Brigitte Fleurat Webzine 15/06/2013 à 19:06 11130 visiteurs

Le Grand Fleuve est une série qui est restée assez confidentielle au sein de la collection Repérages des éditions Dupuis. Serge Aillery, le scénariste de la série, raconte au verso du poster livré avec le premier tome que c’est par hasard, au fond d’une caisse achetée à l'occasion d'une vente aux enchères, que les carnets de Jean Tambour lui sont tombés entre les mains. Quel homme que ce flotteur de bois de Clamecy, ancien conscrit de la marine napoléonienne, ancien prisonnier évadé des pontons anglais ! Et quelle matière, dans ses carnets de témoignages, pour le conteur en mal de sujet, l’amoureux des traditions populaires et des poètes patoisants qu’est Serge Aillery ! Dans une interview accordée à Gilles Ratier pour le numéro 60 de la revue Hop! en 1993, il explique que, réalisateur de documentaires pour la télévision, il avait pensé d’abord à un projet cinématographique ou à un feuilleton TV. Finalement, c’est Pierre Dubois (Laïyna, Le Torte) qui lui proposera d’en faire une BD. Le projet séduira Philippe Vandooren et Dupuis éditera Le Grand Fleuve dans sa nouvelle collection Repérages

On retrouve ainsi dans chaque tome les caractéristiques d’un feuilleton : rythme enlevé, vols, crimes, espionnage et autres « gentillesses », des histoires complètes avec une fin ouverte et des héros au caractère bien trempé dont le tissu relationnel s’enrichit des rencontres effectuées au fil des albums. Mais ce qui fait la puissance évocatrice de cette série, c’est, d’une part, l’originalité des trames de fond des histoires et, d’autre part, la vitalité gauloise de personnages au langage truculent.

Nous sommes au début du XIXe siècle, au lendemain de la défaite napoléonienne. Entre pulsions républicaines nées de la Révolution et complots fomentés par des nostalgiques de la grandeur impériale, la Royauté incite la maréchaussée à une méfiance brutale et sans discernement envers le peuple. Autant dire que pour lutter contre les malfaisants, nos héros ne compteront que sur leurs propres forces.

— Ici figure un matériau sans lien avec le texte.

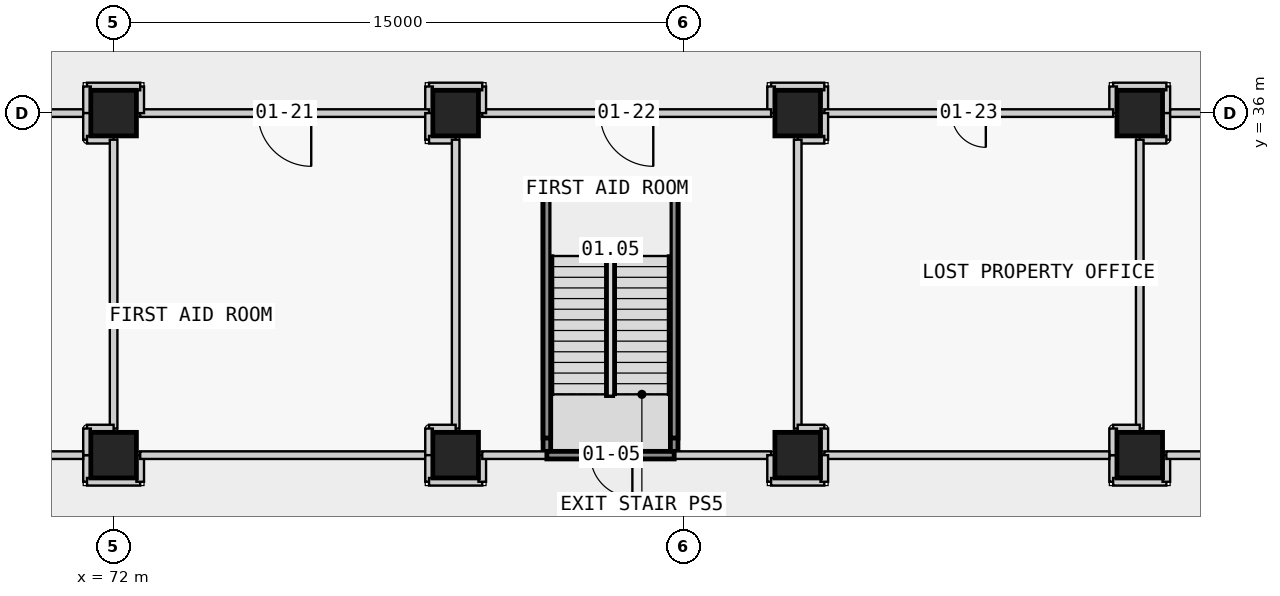
"""IFC4 building model, lengths in metres.
Left out: names, types, materials, properties, quantities, classifications, styles, units other than length and angle.
Written with IfcOpenShell. Run it as: python <this file> out.ifc"""

import sys

from ifc_helpers import new_model, si_unit, direction, frame, frame_2d, origin, origin_2d, place, context, subcontext, project, spatial, rectangle, extrude, element, fill, save


model = new_model("IFC4")
c1 = context("Model", 3, precision=1e-05, world=origin(), true_north=direction((0.0, 1.0)))
c2 = subcontext(c1, "Body", "Model", "MODEL_VIEW")
j1 = project(units=[si_unit("LENGTHUNIT", "METRE"), si_unit("PLANEANGLEUNIT", "RADIAN")], contexts=[c1])
p1 = place(None, origin())
s1 = spatial("IfcSite", under=j1, at=p1, CompositionType="ELEMENT")
p2 = place(p1, origin())
s2 = spatial("IfcBuilding", under=s1, at=p2, CompositionType="ELEMENT")
p3 = place(p2, frame((0.0, 0.0, 8.0)))
s3 = spatial("IfcBuildingStorey", under=s2, at=p3, CompositionType="ELEMENT", Elevation=8.0)
for number, where, z_axis, x_axis in (
    (1, (72.0, 27.0, 0.0), (0.0, 0.0, 1.0), (1.0, 0.0, 0.0)),
    (2, (72.0, 36.0, 0.0), (0.0, 0.0, 1.0), (1.0, 0.0, 0.0)),
    (3, (81.0, 27.0, 0.0), (0.0, 0.0, 1.0), (1.0, 0.0, 0.0)),
    (4, (81.0, 36.0, 0.0), (0.0, 0.0, 1.0), (1.0, 0.0, 0.0)),
    (5, (90.0, 27.0, 0.0), (0.0, 0.0, 1.0), (1.0, 0.0, 0.0)),
    (6, (90.0, 36.0, 0.0), (0.0, 0.0, 1.0), (1.0, 0.0, 0.0)),
    (7, (99.0, 27.0, 0.0), (0.0, 0.0, 1.0), (1.0, 0.0, 0.0)),
    (8, (99.0, 36.0, 0.0), (0.0, 0.0, 1.0), (1.0, 0.0, 0.0)),
):
    element("IfcColumn", number, at=place(p3, frame(where, z_axis=z_axis, x_axis=x_axis)), inside=s3, PredefinedType="COLUMN", context=c2, shape_type="SweptSolid", body=[
        extrude(rectangle(XDim=1.2, YDim=1.2, at=origin_2d()), origin(), (0.0, 0.0, 1.0), 4.8),
    ])
p4 = place(p3, frame((71.3, 36.0, 0.0), z_axis=(0.0, 0.0, 1.0), x_axis=(-1.0, 0.0, 0.0)))
e9 = element("IfcWall", 9, at=p4, inside=s3, PredefinedType="PARTITIONING", context=c2, shape_type="SweptSolid", body=[
    extrude(rectangle(XDim=7.6, YDim=0.2, at=frame_2d((3.8, 0.0))), origin(), (0.0, 0.0, 1.0), 3.75),
])
p5 = place(p4, frame((3.35, 0.0, 0.0)))
e10 = element("IfcOpeningElement", 10, at=p5, cuts=e9, PredefinedType="OPENING", context=c2, shape_type="SweptSolid", body=[
    extrude(rectangle(XDim=0.9, YDim=2.1, at=frame_2d((0.45, 1.05))), frame((0.0, 0.11, 0.0), z_axis=(0.0, -1.0, 0.0), x_axis=(1.0, 0.0, 0.0)), (0.0, 0.0, 1.0), 0.22),
])
p6 = place(p3, frame((83.4, 27.0, 0.0), z_axis=(0.0, 0.0, 1.0), x_axis=(0.0, 1.0, 0.0)))
e11 = element("IfcWall", 11, at=p6, inside=s3, PredefinedType="PARTITIONING", context=c2, shape_type="SweptSolid", body=[
    extrude(rectangle(XDim=6.9, YDim=0.2, at=frame_2d((3.45, 0.0))), origin(), (0.0, 0.0, 1.0), 3.75),
])
p7 = place(p3, frame((83.4, 33.9, 0.0), z_axis=(0.0, 0.0, 1.0), x_axis=(1.0, 0.0, 0.0)))
e12 = element("IfcWall", 12, at=p7, inside=s3, PredefinedType="PARTITIONING", context=c2, shape_type="SweptSolid", body=[
    extrude(rectangle(XDim=3.35, YDim=0.2, at=frame_2d((1.675, 0.0))), origin(), (0.0, 0.0, 1.0), 4.45),
])
p8 = place(p3, frame((86.75, 33.9, 0.0), z_axis=(0.0, 0.0, 1.0), x_axis=(0.0, -1.0, 0.0)))
e13 = element("IfcWall", 13, at=p8, inside=s3, PredefinedType="PARTITIONING", context=c2, shape_type="SweptSolid", body=[
    extrude(rectangle(XDim=6.9, YDim=0.2, at=frame_2d((3.45, 0.0))), origin(), (0.0, 0.0, 1.0), 3.75),
])
p9 = place(p3, frame((90.7, 36.0, 0.0), z_axis=(0.0, 0.0, 1.0), x_axis=(0.0, 1.0, 0.0)))
e14 = element("IfcWall", 14, at=p9, inside=s3, PredefinedType="PARTITIONING", context=c2, shape_type="SweptSolid", body=[
    extrude(rectangle(XDim=0.7, YDim=0.2, at=frame_2d((0.35, 0.0))), origin(), (0.0, 0.0, 1.0), 3.75),
])
p10 = place(p3, frame((90.7, 36.7, 0.0), z_axis=(0.0, 0.0, 1.0), x_axis=(-1.0, 0.0, 0.0)))
e15 = element("IfcWall", 15, at=p10, inside=s3, PredefinedType="PARTITIONING", context=c2, shape_type="SweptSolid", body=[
    extrude(rectangle(XDim=1.4, YDim=0.2, at=frame_2d((0.7, 0.0))), origin(), (0.0, 0.0, 1.0), 3.75),
])
p11 = place(p3, frame((89.3, 36.7, 0.0), z_axis=(0.0, 0.0, 1.0), x_axis=(0.0, -1.0, 0.0)))
e16 = element("IfcWall", 16, at=p11, inside=s3, PredefinedType="PARTITIONING", context=c2, shape_type="SweptSolid", body=[
    extrude(rectangle(XDim=0.7, YDim=0.2, at=frame_2d((0.35, 0.0))), origin(), (0.0, 0.0, 1.0), 3.75),
])
p12 = place(p3, frame((89.3, 36.0, 0.0), z_axis=(0.0, 0.0, 1.0), x_axis=(-1.0, 0.0, 0.0)))
e17 = element("IfcWall", 17, at=p12, inside=s3, PredefinedType="PARTITIONING", context=c2, shape_type="SweptSolid", body=[
    extrude(rectangle(XDim=7.6, YDim=0.2, at=frame_2d((3.8, 0.0))), origin(), (0.0, 0.0, 1.0), 3.75),
])
p13 = place(p12, frame((3.1, 0.0, 0.0)))
e18 = element("IfcOpeningElement", 18, at=p13, cuts=e17, PredefinedType="OPENING", context=c2, shape_type="SweptSolid", body=[
    extrude(rectangle(XDim=1.4, YDim=2.1, at=frame_2d((0.7, 1.05))), frame((0.0, 0.11, 0.0), z_axis=(0.0, -1.0, 0.0), x_axis=(1.0, 0.0, 0.0)), (0.0, 0.0, 1.0), 0.22),
])
p14 = place(p3, frame((81.7, 36.0, 0.0), z_axis=(0.0, 0.0, 1.0), x_axis=(0.0, 1.0, 0.0)))
e19 = element("IfcWall", 19, at=p14, inside=s3, PredefinedType="PARTITIONING", context=c2, shape_type="SweptSolid", body=[
    extrude(rectangle(XDim=0.7, YDim=0.2, at=frame_2d((0.35, 0.0))), origin(), (0.0, 0.0, 1.0), 3.75),
])
p15 = place(p3, frame((81.7, 36.7, 0.0), z_axis=(0.0, 0.0, 1.0), x_axis=(-1.0, 0.0, 0.0)))
e20 = element("IfcWall", 20, at=p15, inside=s3, PredefinedType="PARTITIONING", context=c2, shape_type="SweptSolid", body=[
    extrude(rectangle(XDim=1.4, YDim=0.2, at=frame_2d((0.7, 0.0))), origin(), (0.0, 0.0, 1.0), 3.75),
])
for number, where, z_axis, x_axis in (
    (21, (80.3, 36.7, 0.0), (0.0, 0.0, 1.0), (0.0, -1.0, 0.0)),
    (22, (98.3, 27.0, 0.0), (0.0, 0.0, 1.0), (0.0, -1.0, 0.0)),
):
    element("IfcWall", number, at=place(p3, frame(where, z_axis=z_axis, x_axis=x_axis)), inside=s3, PredefinedType="PARTITIONING", context=c2, shape_type="SweptSolid", body=[
        extrude(rectangle(XDim=0.7, YDim=0.2, at=frame_2d((0.35, 0.0))), origin(), (0.0, 0.0, 1.0), 3.75),
    ])
p16 = place(p3, frame((98.3, 26.3, 0.0), z_axis=(0.0, 0.0, 1.0), x_axis=(1.0, 0.0, 0.0)))
e23 = element("IfcWall", 23, at=p16, inside=s3, PredefinedType="PARTITIONING", context=c2, shape_type="SweptSolid", body=[
    extrude(rectangle(XDim=1.4, YDim=0.2, at=frame_2d((0.7, 0.0))), origin(), (0.0, 0.0, 1.0), 4.45),
])
p17 = place(p3, frame((99.7, 26.3, 0.0), z_axis=(0.0, 0.0, 1.0), x_axis=(0.0, 1.0, 0.0)))
e24 = element("IfcWall", 24, at=p17, inside=s3, PredefinedType="PARTITIONING", context=c2, shape_type="SweptSolid", body=[
    extrude(rectangle(XDim=0.7, YDim=0.2, at=frame_2d((0.35, 0.0))), origin(), (0.0, 0.0, 1.0), 3.75),
])
p18 = place(p3, frame((99.7, 27.0, 0.0), z_axis=(0.0, 0.0, 1.0), x_axis=(1.0, 0.0, 0.0)))
e25 = element("IfcWall", 25, at=p18, inside=s3, PredefinedType="PARTITIONING", context=c2, shape_type="SweptSolid", body=[
    extrude(rectangle(XDim=6.1, YDim=0.2, at=frame_2d((3.05, 0.0))), origin(), (0.0, 0.0, 1.0), 3.75),
])
p19 = place(p18, frame((2.6, 0.0, 0.0)))
e26 = element("IfcOpeningElement", 26, at=p19, cuts=e25, PredefinedType="OPENING", context=c2, shape_type="SweptSolid", body=[
    extrude(rectangle(XDim=0.9, YDim=2.1, at=frame_2d((0.45, 1.05))), frame((0.0, 0.11, 0.0), z_axis=(0.0, -1.0, 0.0), x_axis=(1.0, 0.0, 0.0)), (0.0, 0.0, 1.0), 0.22),
])
p20 = place(p3, frame((80.3, 36.0, 0.0), z_axis=(0.0, 0.0, 1.0), x_axis=(-1.0, 0.0, 0.0)))
e27 = element("IfcWall", 27, at=p20, inside=s3, PredefinedType="PARTITIONING", context=c2, shape_type="SweptSolid", body=[
    extrude(rectangle(XDim=7.6, YDim=0.2, at=frame_2d((3.8, 0.0))), origin(), (0.0, 0.0, 1.0), 3.75),
])
p21 = place(p20, frame((3.1, 0.0, 0.0)))
e28 = element("IfcOpeningElement", 28, at=p21, cuts=e27, PredefinedType="OPENING", context=c2, shape_type="SweptSolid", body=[
    extrude(rectangle(XDim=1.4, YDim=2.1, at=frame_2d((0.7, 1.05))), frame((0.0, 0.11, 0.0), z_axis=(0.0, -1.0, 0.0), x_axis=(1.0, 0.0, 0.0)), (0.0, 0.0, 1.0), 0.22),
])
p22 = place(p3, frame((72.7, 36.0, 0.0), z_axis=(0.0, 0.0, 1.0), x_axis=(0.0, 1.0, 0.0)))
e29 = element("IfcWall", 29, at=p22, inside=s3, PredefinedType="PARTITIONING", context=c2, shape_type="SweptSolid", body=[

Dans le premier tome intitulé Jean Tambour, c’est le flottage du bois qui est à l’honneur. Les Parisiens consomment pour se chauffer une quantité phénoménale de bois qui leur est livrée par voie fluviale depuis le Morvan. Après son évasion, Jean Tambour, de retour dans sa communauté natale des flotteurs de Clamecy, découvre un trafic de bois flotté qui s’exerce aux dépens de ses compagnons. Avec l’aide de son ami d’enfance, Gustave, il prend les commandes d’un des gigantesques trains de bois flottant vers Paris et mène l’enquête pour déjouer les malversations des bandits. On trouve dans cet album des scènes extraordinaires, dont celle du passage du pertuis par un train de bois flotté piloté par Jean et Gustave, et un hommage à un savoir-faire hautement technique et vital qui conférait à ces hommes humbles et courageux une dignité incomparable. Si ce premier tome est un peu trop dense pour permettre une lecture fluide, c’est peut-être le plus fascinant par son originalité.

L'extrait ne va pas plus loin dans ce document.